若手社員に大人たちが「三年は辞めるな」という理由 “転職したい症候群”が読むべき『社畜上等!』 (2/3ページ)

『社畜上等! 会社で楽しく生きるには』(晶文社)
『社畜上等! 会社で楽しく生きるには』(晶文社)【拡大】

 例えば、我々社畜の宿命である「希望外の仕事をやらされる」問題。大望ある若者はどう向き合うべきか。

 「希望の部署じゃないとヤダ!」なんて、単なる若者のわがままのようだが、常見氏は「この批評は実は日本企業の雇用形態の問題を的確に表現」しているという。新卒の、とくに文系の正社員総合職は、往々にして入社後に配属部署が決まる。つまり大半が何をやらされるか分からないまま入社するのだ。このご時世に自主的にキャリア形成できないという論点も孕み、これは日本の労働現場の問題としてあげられる。

 しかし、常見氏は「悪だと言い切れるか」と問う。会社の醍醐味とは、この仕事を「やらされる」という行為が個人のキャリアの幅を広げることだといい、例としてプロレスラーの佐山サトル氏をあげている。

 佐山氏は、人気マンガ『タイガーマスク』を現実にデビューさせるという企画を持ちかけられ、一度は拒否するも何度も頼まれ、一回だけなら……という条件でやむなく虎の仮面をかぶることになる。その衣装はまさに「布切れ」同然。だが、この一回きりの約束だったタイガーマスクは、一夜にしてスーパースターになった。言うまでもなく、佐山氏の人生とプロレス界を大きく変える、大ブレークのきっかけになったのだ。

 詳しくは本書に譲るとして、無茶振りのような仕事も不本意な異動も、ビジネスパーソンとしての総合力を底上げするチャンスだ。自戒を込め、若者は“○○のプロ”として早く成長したいと願うものだが、スキルの幅を広げるうってつけの機会ぐらいに考えて、どっしり構えてもいいのかもしれない。

そんなに転職したいなら「エア転職」すればいい

 口を開けば「転職したい」と繰り返す人の中には、転職に振り切れない理由がある。
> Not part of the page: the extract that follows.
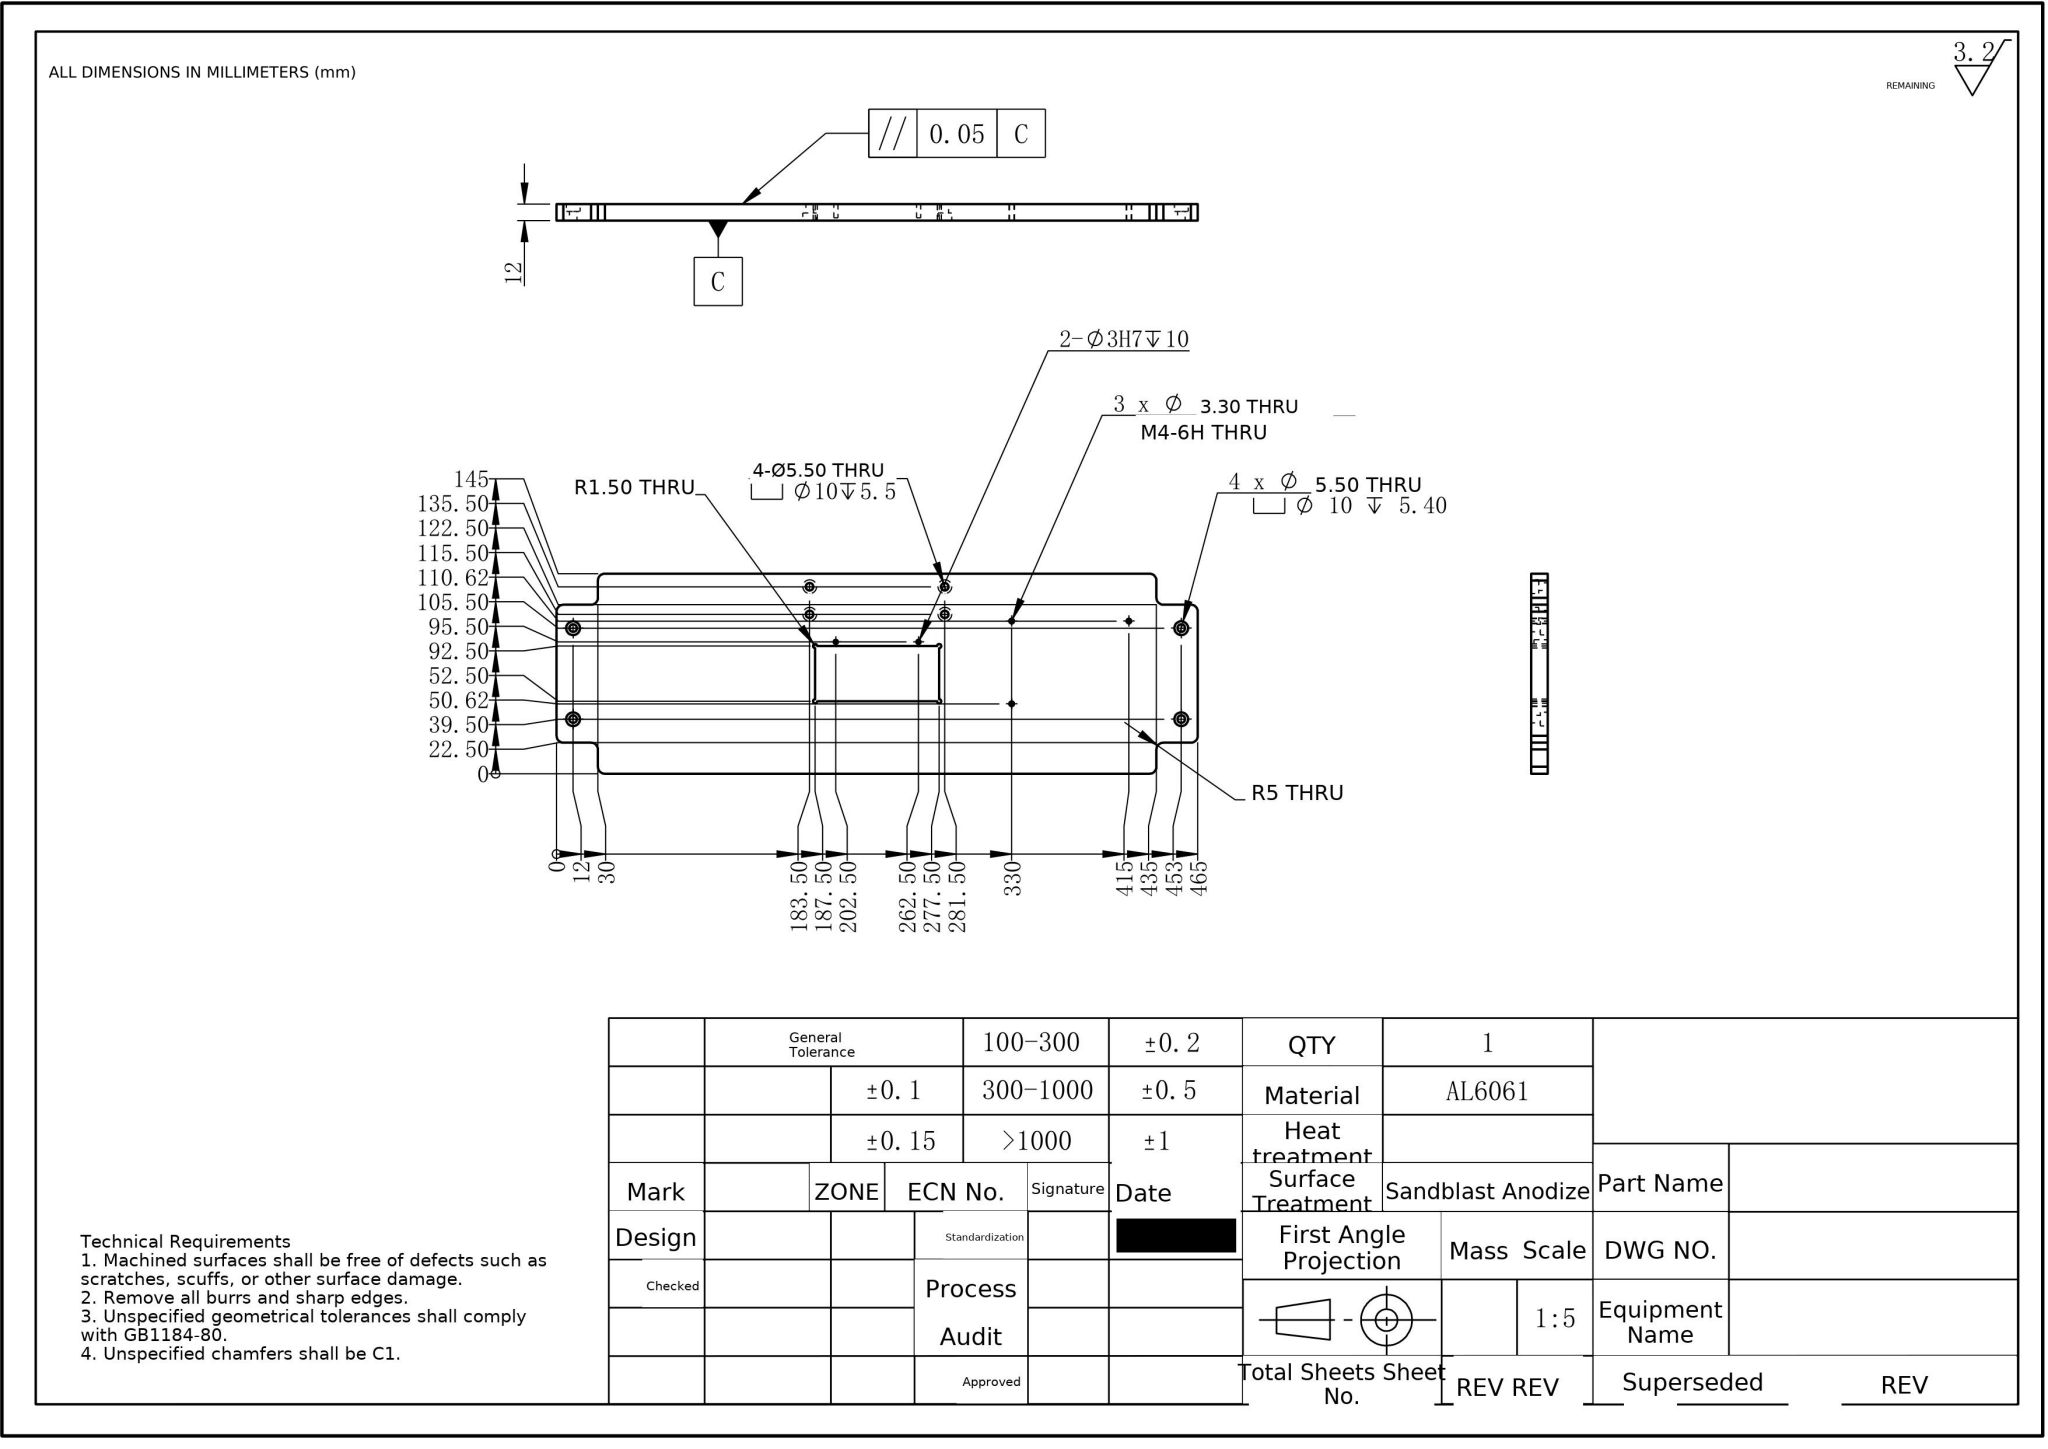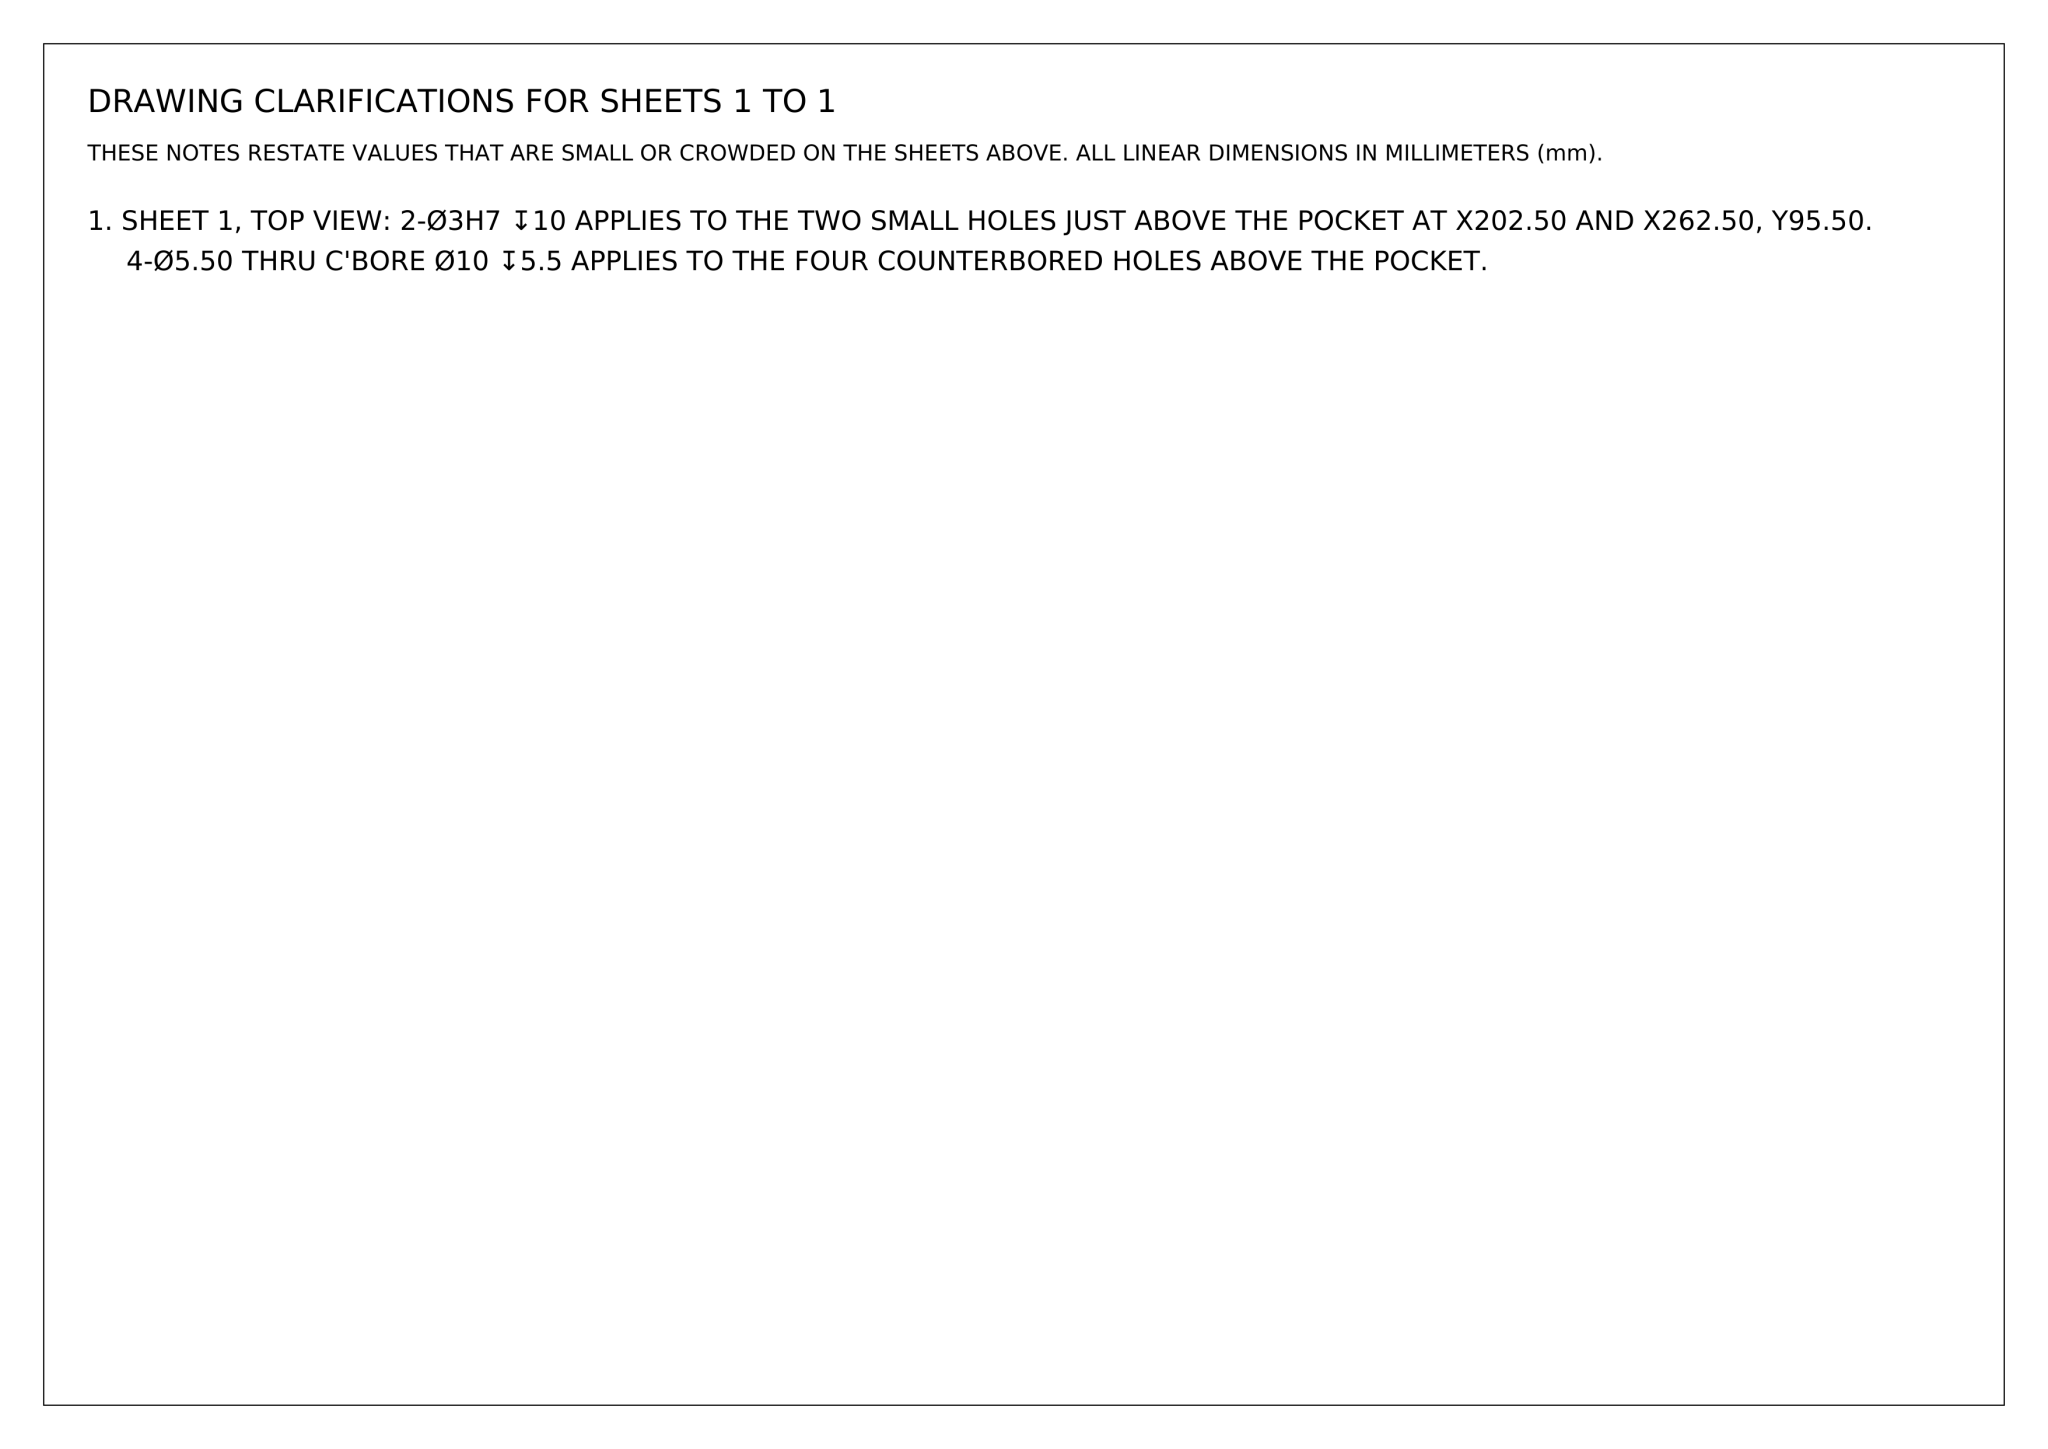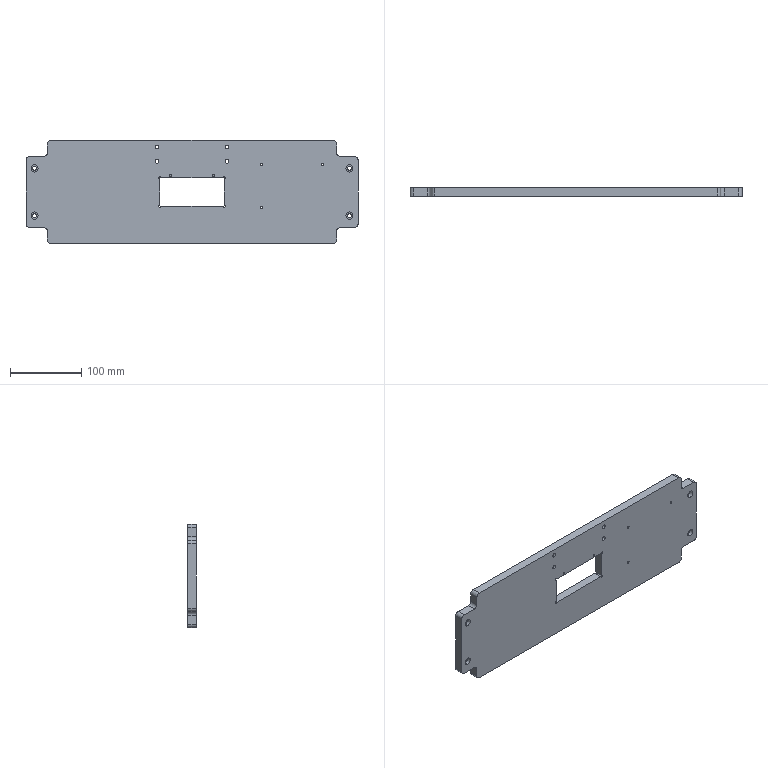Part | NX | mm | 1 solid | 88 faces | box 465 x 12 x 145 mm | volume 727869 mm3 | cylinder 60 | plane 28 | commonest cylinder face diameters 10 x28 5.5 x16 3 x10 3.3 x6

それは「今の自分だと受からなさそう」だとか「今の会社は給料だけはいい」といったことだ。

 そこで常見氏は「エア転職」を勧めている。転職活動のようなものをやると、自分の強み・弱み、現在の職場の長所・短所、世の中の現実を知ることができるという。

例えば、人材紹介会社に登録してみる。しかも複数のサービスに登録することで、各社の強い分野をマークし、より相性の良いカウンセラーを探せるようにしておく。